According to https://www.epilepsy.com
- There is evidence that cannabis can be helpful in controling seizures, especially for difficult to control conditions like Lennox-Gastaut syndrome (LGS) in children and adults and Dravet syndrome in children.
- Marijuana or cannabis has a number of side effects. In open-labeled studies on the use of cannabidiol, side effects included sleepiness, diarrhea, fatigue, and decreased appetitie. CBD also has interactions with some epilepsy medications.
Does cannabis help seizures?
Evidence from laboratory studies, anecdotal reports, and small clinical studies from a number of years ago suggest that cannabidiol, a non-psychoactive compound of cannabis, could potentially be helpful in controlling seizures.
Open-label studies in the U.S. of Epidiolex (a drug derived from cannabidiol or CBD) are being performed. Epidiolex is a purified, 99% oil-based CBD extract from the cannabis plant and is produced by GW Pharmaceuticals to give known and consistent amounts in each dose.

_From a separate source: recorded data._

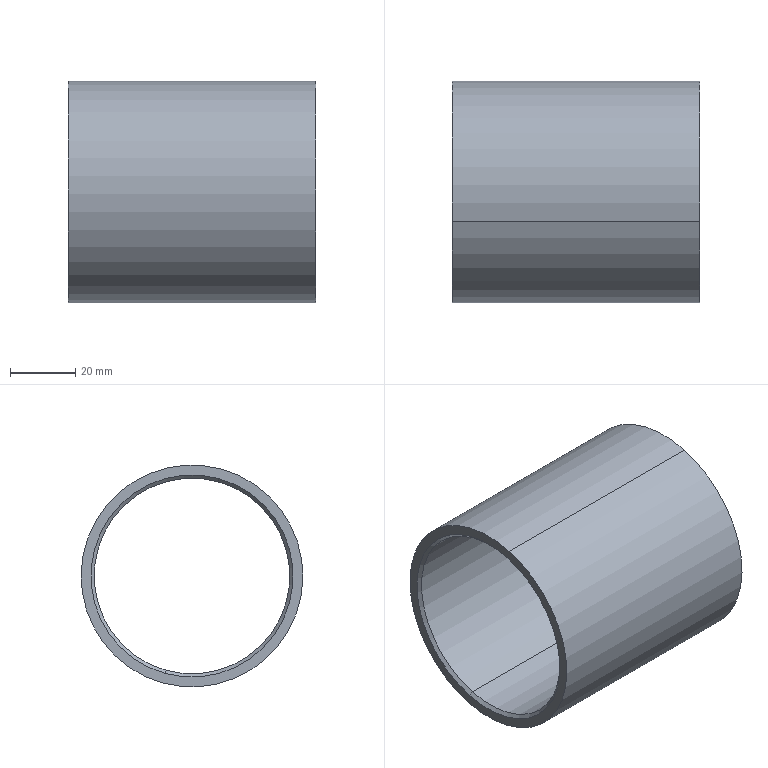Component | SolidWorks | SpindleSleeve3-1 | 1 solid | 10 faces | box 76 x 68 x 68 mm | volume 60932 mm3 | cone 4 | cylinder 4 | plane 2 | commonest cylinder face diameters 60 x2 68 x2
build123d program:
from build123d import *

# Parameters (mm, degrees)
SKETCH1_R           = 34
SKETCH1_R_2         = 30
BOSS_EXTRUDE1_DEPTH = 38
CHAMFER1_SIZE       = 1


with BuildPart() as part:
    # Sketch1 → Boss-Extrude1 (new, symmetric)
    with BuildSketch(Plane(origin=(0, 0, 0), x_dir=(1, 0, 0), z_dir=(0, 1, 0))):
        with Locations(Location((0, 0, 0), (0, 0, 270))):
            Circle(SKETCH1_R)
        with Locations(Location((0, 0, 0), (0, 0, 270))):
            Circle(SKETCH1_R_2, mode=Mode.SUBTRACT)
    extrude(amount=BOSS_EXTRUDE1_DEPTH, both=True)

    # Chamfer1
    chamfer1_edges = [part.edges().sort_by_distance(p)[0] for p in [
        (0, -38, -30),
        (0, 38, -30),
    ]]
    chamfer(chamfer1_edges, length=CHAMFER1_SIZE)


solid = part.part

# Placed as in the assembly
solid = solid.moved(Location((-713.197, 34.532, 0), (0, 0, 90)))
STEP:
#1=CARTESIAN_POINT('',(-26.622,1.671,-1.139));
#2=VERTEX_POINT('',#1);
#3=CARTESIAN_POINT('',(-26.622,1.048,1.139));
#4=VERTEX_POINT('',#3);
#5=CARTESIAN_POINT('',(-26.622,1.36,0.));
#6=DIRECTION('',(1.,0.,0.));
#7=DIRECTION('',(0.,0.2635,-0.9647));
#8=AXIS2_PLACEMENT_3D('',#5,#6,#7);
#9=CIRCLE('',#8,1.181);
#10=EDGE_CURVE('',#2,#4,#9,.T.);
#11=ORIENTED_EDGE('',*,*,#10,.F.);
#12=CARTESIAN_POINT('',(-26.583,1.681,-1.177));
#13=VERTEX_POINT('',#12);
#14=CARTESIAN_POINT('',(-26.583,1.681,-1.177));
#15=DIRECTION('',(0.7071,0.1863,-0.6821));
#16=VECTOR('',#15,39.37);
#17=LINE('',#14,#16);
#18=EDGE_CURVE('',#2,#13,#17,.T.);
#19=ORIENTED_EDGE('',*,*,#18,.T.);
#20=CARTESIAN_POINT('',(-26.583,1.038,1.177));
#21=VERTEX_POINT('',#20);
#22=CARTESIAN_POINT('',(-26.583,1.36,0.));
#23=DIRECTION('',(-1.,0.,0.));
#24=DIRECTION('',(0.,0.2635,-0.9647));
#25=AXIS2_PLACEMENT_3D('',#22,#23,#24);
#26=CIRCLE('',#25,1.22);
#27=EDGE_CURVE('',#21,#13,#26,.T.);
#28=ORIENTED_EDGE('',*,*,#27,.F.);
#29=CARTESIAN_POINT('',(-26.583,1.038,1.177));
#30=DIRECTION('',(0.7071,-0.1863,0.6821));
#31=VECTOR('',#30,39.37);
#32=LINE('',#29,#31);
#33=EDGE_CURVE('',#4,#21,#32,.T.);
#34=ORIENTED_EDGE('',*,*,#33,.F.);
#35=EDGE_LOOP('',(#11,#19,#28,#34));
#36=FACE_OUTER_BOUND('',#35,.T.);
#37=CARTESIAN_POINT('',(-26.583,1.36,0.));
#38=DIRECTION('',(1.,0.,0.));
#39=DIRECTION('',(0.,-0.2635,0.9647));
#40=AXIS2_PLACEMENT_3D('',#37,#38,#39);
#41=CONICAL_SURFACE('',#40,1.22,0.7854);
#42=ADVANCED_FACE('',(#36),#41,.F.);
#43=CARTESIAN_POINT('',(-29.535,1.048,1.139));
#44=VERTEX_POINT('',#43);
#45=CARTESIAN_POINT('',(-29.535,1.671,-1.139));
#46=VERTEX_POINT('',#45);
#47=CARTESIAN_POINT('',(-29.535,1.36,0.));
#48=DIRECTION('',(-1.,0.,0.));
#49=DIRECTION('',(0.,0.2635,-0.9647));
#50=AXIS2_PLACEMENT_3D('',#47,#48,#49);
#51=CIRCLE('',#50,1.181);
#52=EDGE_CURVE('',#44,#46,#51,.T.);
#53=ORIENTED_EDGE('',*,*,#52,.F.);
#54=CARTESIAN_POINT('',(-29.575,1.038,1.177));
#55=VERTEX_POINT('',#54);
#56=CARTESIAN_POINT('',(-29.535,1.048,1.139));
#57=DIRECTION('',(-0.7071,-0.1863,0.6821));
#58=VECTOR('',#57,39.37);
#59=LINE('',#56,#58);
#60=EDGE_CURVE('',#44,#55,#59,.T.);
#61=ORIENTED_EDGE('',*,*,#60,.T.);
#62=CARTESIAN_POINT('',(-29.575,1.681,-1.177));
#63=VERTEX_POINT('',#62);
#64=CARTESIAN_POINT('',(-29.575,1.36,0.));
#65=DIRECTION('',(1.,0.,0.));
#66=DIRECTION('',(0.,0.2635,-0.9647));
#67=AXIS2_PLACEMENT_3D('',#64,#65,#66);
#68=CIRCLE('',#67,1.22);
#69=EDGE_CURVE('',#63,#55,#68,.T.);
#70=ORIENTED_EDGE('',*,*,#69,.F.);
#71=CARTESIAN_POINT('',(-29.535,1.671,-1.139));
#72=DIRECTION('',(-0.7071,0.1863,-0.6821));
#73=VECTOR('',#72,39.37);
#74=LINE('',#71,#73);
#75=EDGE_CURVE('',#46,#63,#74,.T.);
#76=ORIENTED_EDGE('',*,*,#75,.F.);
#77=EDGE_LOOP('',(#53,#61,#70,#76));
#78=FACE_OUTER_BOUND('',#77,.T.);
#79=CARTESIAN_POINT('',(-29.535,1.36,0.));
#80=DIRECTION('',(-1.,0.,0.));
#81=DIRECTION('',(0.,0.2635,-0.9647));
#82=AXIS2_PLACEMENT_3D('',#79,#80,#81);
#83=CONICAL_SURFACE('',#82,1.181,0.7854);
#84=ADVANCED_FACE('',(#78),#83,.F.);
#85=ORIENTED_EDGE('',*,*,#52,.T.);
#86=CARTESIAN_POINT('',(-29.575,1.671,-1.139));
#87=DIRECTION('',(1.,0.,0.));
#88=VECTOR('',#87,39.37);
#89=LINE('',#86,#88);
#90=EDGE_CURVE('',#46,#2,#89,.T.);
#91=ORIENTED_EDGE('',*,*,#90,.T.);
#92=ORIENTED_EDGE('',*,*,#10,.T.);
#93=CARTESIAN_POINT('',(-29.575,1.048,1.139));
#94=DIRECTION('',(1.,0.,0.));
#95=VECTOR('',#94,39.37);
#96=LINE('',#93,#95);
#97=EDGE_CURVE('',#44,#4,#96,.T.);
#98=ORIENTED_EDGE('',*,*,#97,.F.);
#99=EDGE_LOOP('',(#85,#91,#92,#98));
#100=FACE_OUTER_BOUND('',#99,.T.);
#101=CARTESIAN_POINT('',(-29.575,1.36,0.));
#102=DIRECTION('',(1.,0.,0.));
#103=DIRECTION('',(0.,-0.2635,0.9647));
#104=AXIS2_PLACEMENT_3D('',#101,#102,#103);
#105=CYLINDRICAL_SURFACE('',#104,1.181);
#106=ADVANCED_FACE('',(#100),#105,.F.);
#107=CARTESIAN_POINT('',(-29.575,1.712,-1.291));
#108=VERTEX_POINT('',#107);
#109=CARTESIAN_POINT('',(-29.575,1.007,1.291));
#110=VERTEX_POINT('',#109);
#111=CARTESIAN_POINT('',(-29.575,1.36,0.));
#112=DIRECTION('',(-1.,0.,0.));
#113=DIRECTION('',(0.,0.2635,-0.9647));
#114=AXIS2_PLACEMENT_3D('',#111,#112,#113);
#115=CIRCLE('',#114,1.339);
#116=EDGE_CURVE('',#108,#110,#115,.T.);
#117=ORIENTED_EDGE('',*,*,#116,.F.);
#118=CARTESIAN_POINT('',(-26.583,1.712,-1.291));
#119=VERTEX_POINT('',#118);
#120=CARTESIAN_POINT('',(-29.575,1.712,-1.291));
#121=DIRECTION('',(1.,0.,0.));
#122=VECTOR('',#121,39.37);
#123=LINE('',#120,#122);
#124=EDGE_CURVE('',#108,#119,#123,.T.);
#125=ORIENTED_EDGE('',*,*,#124,.T.);
#126=CARTESIAN_POINT('',(-26.583,1.007,1.291));
#127=VERTEX_POINT('',#126);
#128=CARTESIAN_POINT('',(-26.583,1.36,0.));
#129=DIRECTION('',(-1.,0.,0.));
#130=DIRECTION('',(0.,0.2635,-0.9647));
#131=AXIS2_PLACEMENT_3D('',#128,#129,#130);
#132=CIRCLE('',#131,1.339);
#133=EDGE_CURVE('',#119,#127,#132,.T.);
#134=ORIENTED_EDGE('',*,*,#133,.T.);
#135=CARTESIAN_POINT('',(-29.575,1.007,1.291));
#136=DIRECTION('',(1.,0.,0.));
#137=VECTOR('',#136,39.37);
#138=LINE('',#135,#137);
#139=EDGE_CURVE('',#110,#127,#138,.T.);
#140=ORIENTED_EDGE('',*,*,#139,.F.);
#141=EDGE_LOOP('',(#117,#125,#134,#140));
#142=FACE_OUTER_BOUND('',#141,.T.);
#143=CARTESIAN_POINT('',(-29.575,1.36,0.));
#144=DIRECTION('',(1.,0.,0.));
#145=DIRECTION('',(0.,-0.2635,0.9647));
#146=AXIS2_PLACEMENT_3D('',#143,#144,#145);
#147=CYLINDRICAL_SURFACE('',#146,1.339);
#148=ADVANCED_FACE('',(#142),#147,.T.);
#149=ORIENTED_EDGE('',*,*,#69,.T.);
#150=CARTESIAN_POINT('',(-29.575,1.36,0.));
#151=DIRECTION('',(1.,0.,0.));
#152=DIRECTION('',(0.,0.2635,-0.9647));
#153=AXIS2_PLACEMENT_3D('',#150,#151,#152);
#154=CIRCLE('',#153,1.22);
#155=EDGE_CURVE('',#55,#63,#154,.T.);
#156=ORIENTED_EDGE('',*,*,#155,.T.);
#157=EDGE_LOOP('',(#149,#156));
#158=FACE_BOUND('',#157,.T.);
#159=CARTESIAN_POINT('',(-29.575,1.36,0.));
#160=DIRECTION('',(-1.,0.,0.));
#161=DIRECTION('',(0.,0.2635,-0.9647));
#162=AXIS2_PLACEMENT_3D('',#159,#160,#161);
#163=CIRCLE('',#162,1.339);
#164=EDGE_CURVE('',#110,#108,#163,.T.);
#165=ORIENTED_EDGE('',*,*,#164,.T.);
#166=ORIENTED_EDGE('',*,*,#116,.T.);
#167=EDGE_LOOP('',(#165,#166));
#168=FACE_OUTER_BOUND('',#167,.T.);
#169=CARTESIAN_POINT('',(-29.575,1.36,0.));
#170=DIRECTION('',(-1.,0.,0.));
#171=DIRECTION('',(0.,0.2635,-0.9647));
#172=AXIS2_PLACEMENT_3D('',#169,#170,#171);
#173=PLANE('',#172);
#174=ADVANCED_FACE('',(#158,#168),#173,.T.);
#175=ORIENTED_EDGE('',*,*,#27,.T.);
#176=CARTESIAN_POINT('',(-26.583,1.36,0.));
#177=DIRECTION('',(-1.,0.,0.));
#178=DIRECTION('',(0.,0.2635,-0.9647));
#179=AXIS2_PLACEMENT_3D('',#176,#177,#178);
#180=CIRCLE('',#179,1.22);
#181=EDGE_CURVE('',#13,#21,#180,.T.);
#182=ORIENTED_EDGE('',*,*,#181,.T.);
#183=EDGE_LOOP('',(#175,#182));
#184=FACE_BOUND('',#183,.T.);
#185=CARTESIAN_POINT('',(-26.583,1.36,0.));
#186=DIRECTION('',(-1.,0.,0.));
#187=DIRECTION('',(0.,0.2635,-0.9647));
#188=AXIS2_PLACEMENT_3D('',#185,#186,#187);
#189=CIRCLE('',#188,1.339);
#190=EDGE_CURVE('',#127,#119,#189,.T.);
#191=ORIENTED_EDGE('',*,*,#190,.F.);
#192=ORIENTED_EDGE('',*,*,#133,.F.);
#193=EDGE_LOOP('',(#191,#192));
#194=FACE_OUTER_BOUND('',#193,.T.);
#195=CARTESIAN_POINT('',(-26.583,1.36,0.));
#196=DIRECTION('',(-1.,0.,0.));
#197=DIRECTION('',(0.,0.2635,-0.9647));
#198=AXIS2_PLACEMENT_3D('',#195,#196,#197);
#199=PLANE('',#198);
#200=ADVANCED_FACE('',(#184,#194),#199,.F.);
#201=ORIENTED_EDGE('',*,*,#124,.F.);
#202=ORIENTED_EDGE('',*,*,#164,.F.);
#203=ORIENTED_EDGE('',*,*,#139,.T.);
#204=ORIENTED_EDGE('',*,*,#190,.T.);
#205=EDGE_LOOP('',(#201,#202,#203,#204));
#206=FACE_OUTER_BOUND('',#205,.T.);
#207=CARTESIAN_POINT('',(-29.575,1.36,0.));
#208=DIRECTION('',(1.,0.,0.));
#209=DIRECTION('',(0.,-0.2635,0.9647));
#210=AXIS2_PLACEMENT_3D('',#207,#208,#209);
#211=CYLINDRICAL_SURFACE('',#210,1.339);
#212=ADVANCED_FACE('',(#206),#211,.T.);
#213=ORIENTED_EDGE('',*,*,#90,.F.);
#214=CARTESIAN_POINT('',(-29.535,1.36,0.));
#215=DIRECTION('',(-1.,0.,0.));
#216=DIRECTION('',(0.,0.2635,-0.9647));
#217=AXIS2_PLACEMENT_3D('',#214,#215,#216);
#218=CIRCLE('',#217,1.181);
#219=EDGE_CURVE('',#46,#44,#218,.T.);
#220=ORIENTED_EDGE('',*,*,#219,.T.);
#221=ORIENTED_EDGE('',*,*,#97,.T.);
#222=CARTESIAN_POINT('',(-26.622,1.36,0.));
#223=DIRECTION('',(1.,0.,0.));
#224=DIRECTION('',(0.,0.2635,-0.9647));
#225=AXIS2_PLACEMENT_3D('',#222,#223,#224);
#226=CIRCLE('',#225,1.181);
#227=EDGE_CURVE('',#4,#2,#226,.T.);
#228=ORIENTED_EDGE('',*,*,#227,.T.);
#229=EDGE_LOOP('',(#213,#220,#221,#228));
#230=FACE_OUTER_BOUND('',#229,.T.);
#231=CARTESIAN_POINT('',(-29.575,1.36,0.));
#232=DIRECTION('',(1.,0.,0.));
#233=DIRECTION('',(0.,-0.2635,0.9647));
#234=AXIS2_PLACEMENT_3D('',#231,#232,#233);
#235=CYLINDRICAL_SURFACE('',#234,1.181);
#236=ADVANCED_FACE('',(#230),#235,.F.);
#237=ORIENTED_EDGE('',*,*,#60,.F.);
#238=ORIENTED_EDGE('',*,*,#219,.F.);
#239=ORIENTED_EDGE('',*,*,#75,.T.);
#240=ORIENTED_EDGE('',*,*,#155,.F.);
#241=EDGE_LOOP('',(#237,#238,#239,#240));
#242=FACE_OUTER_BOUND('',#241,.T.);
#243=CARTESIAN_POINT('',(-29.535,1.36,0.));
#244=DIRECTION('',(-1.,0.,0.));
#245=DIRECTION('',(0.,0.2635,-0.9647));
#246=AXIS2_PLACEMENT_3D('',#243,#244,#245);
#247=CONICAL_SURFACE('',#246,1.181,0.7854);
#248=ADVANCED_FACE('',(#242),#247,.F.);
#249=ORIENTED_EDGE('',*,*,#18,.F.);
#250=ORIENTED_EDGE('',*,*,#227,.F.);
#251=ORIENTED_EDGE('',*,*,#33,.T.);
#252=ORIENTED_EDGE('',*,*,#181,.F.);
#253=EDGE_LOOP('',(#249,#250,#251,#252));
#254=FACE_OUTER_BOUND('',#253,.T.);
#255=CARTESIAN_POINT('',(-26.583,1.36,0.));
#256=DIRECTION('',(1.,0.,0.));
#257=DIRECTION('',(0.,-0.2635,0.9647));
#258=AXIS2_PLACEMENT_3D('',#255,#256,#257);
#259=CONICAL_SURFACE('',#258,1.22,0.7854);
#260=ADVANCED_FACE('',(#254),#259,.F.);
#261=CLOSED_SHELL('',(#42,#84,#106,#148,#174,#200,#212,#236,#248,#260));
#262=MANIFOLD_SOLID_BREP('',#261);
#263=CARTESIAN_POINT('',(0.,0.,0.));
#264=DIRECTION('',(0.,0.,1.));
#265=DIRECTION('',(1.,0.,0.));
#266=AXIS2_PLACEMENT_3D('',#263,#264,#265);
#267=(LENGTH_UNIT()NAMED_UNIT(*)SI_UNIT($,.METRE.));
#268=LENGTH_MEASURE_WITH_UNIT(LENGTH_MEASURE(0.0254),#267);
#269=DIMENSIONAL_EXPONENTS(1.,0.,0.,0.,0.,0.,0.);
#270=(CONVERSION_BASED_UNIT('',#268)LENGTH_UNIT()NAMED_UNIT(#269));
#271=UNCERTAINTY_MEASURE_WITH_UNIT(LENGTH_MEASURE(0.00001),#270,'','');
#272=(NAMED_UNIT(*)PLANE_ANGLE_UNIT()SI_UNIT($,.RADIAN.));
#273=(NAMED_UNIT(*)SI_UNIT($,.STERADIAN.)SOLID_ANGLE_UNIT());
#274=(GEOMETRIC_REPRESENTATION_CONTEXT(3)GLOBAL_UNCERTAINTY_ASSIGNED_CONTEXT((#271))GLOBAL_UNIT_ASSIGNED_CONTEXT((#270,#272,#273))REPRESENTATION_CONTEXT('',''));
#275=ADVANCED_BREP_SHAPE_REPRESENTATION('',(#262,#266),#274);
#276=COLOUR_RGB('',0.7922,0.8196,0.9333);
#277=FILL_AREA_STYLE_COLOUR('',#276);
#278=FILL_AREA_STYLE('',(#277));
#279=SURFACE_STYLE_FILL_AREA(#278);
#280=SURFACE_SIDE_STYLE('',(#279));
#281=SURFACE_STYLE_USAGE(.BOTH.,#280);
#282=PRESENTATION_STYLE_ASSIGNMENT((#281));
#283=STYLED_ITEM('',(#282),#262);
#284=PRESENTATION_LAYER_ASSIGNMENT('','',(#283));
#285=(LENGTH_UNIT()NAMED_UNIT(*)SI_UNIT($,.METRE.));
#286=LENGTH_MEASURE_WITH_UNIT(LENGTH_MEASURE(0.0254),#285);
#287=DIMENSIONAL_EXPONENTS(1.,0.,0.,0.,0.,0.,0.);
#288=(CONVERSION_BASED_UNIT('',#286)LENGTH_UNIT()NAMED_UNIT(#287));
#289=UNCERTAINTY_MEASURE_WITH_UNIT(LENGTH_MEASURE(0.00001),#288,'','');
#290=(NAMED_UNIT(*)PLANE_ANGLE_UNIT()SI_UNIT($,.RADIAN.));
#291=(NAMED_UNIT(*)SI_UNIT($,.STERADIAN.)SOLID_ANGLE_UNIT());
#292=(GEOMETRIC_REPRESENTATION_CONTEXT(3)GLOBAL_UNCERTAINTY_ASSIGNED_CONTEXT((#289))GLOBAL_UNIT_ASSIGNED_CONTEXT((#288,#290,#291))REPRESENTATION_CONTEXT('',''));
#293=MECHANICAL_DESIGN_GEOMETRIC_PRESENTATION_REPRESENTATION('',(#283),#292);

20 participants in the study, aged two to 18, all have a serious form of epilepsy called Dravet syndrome, which starts during childhood and usually can’t be treated, says study co-author Daniel Friedman, a professor of neurology at the NYU Langone Medical Center. They were randomized into two groups: one group took 20 mg/kg of CBD per day for 14 weeks and one took a placebo. (This type of randomized controlled trial is considered the gold standard for a clinical study. When you randomly assign people, you make sure that whatever is being tested actually causes the results, and that the outcome isn’t just because the two groups are different to begin with.)
The researchers found that the group that took CBD had about six seizures a month instead of 12. In the placebo group, they had about 14 seizures a month, instead of 15. And three people taking CBD stopped having seizures altogether.
There is one big downside though: about 93 percent of people taking CBD had side effects — mostly nausea, diarrhea, but also sleepiness and liver abnormality. And eight people in the CBD group dropped out because of the side effects.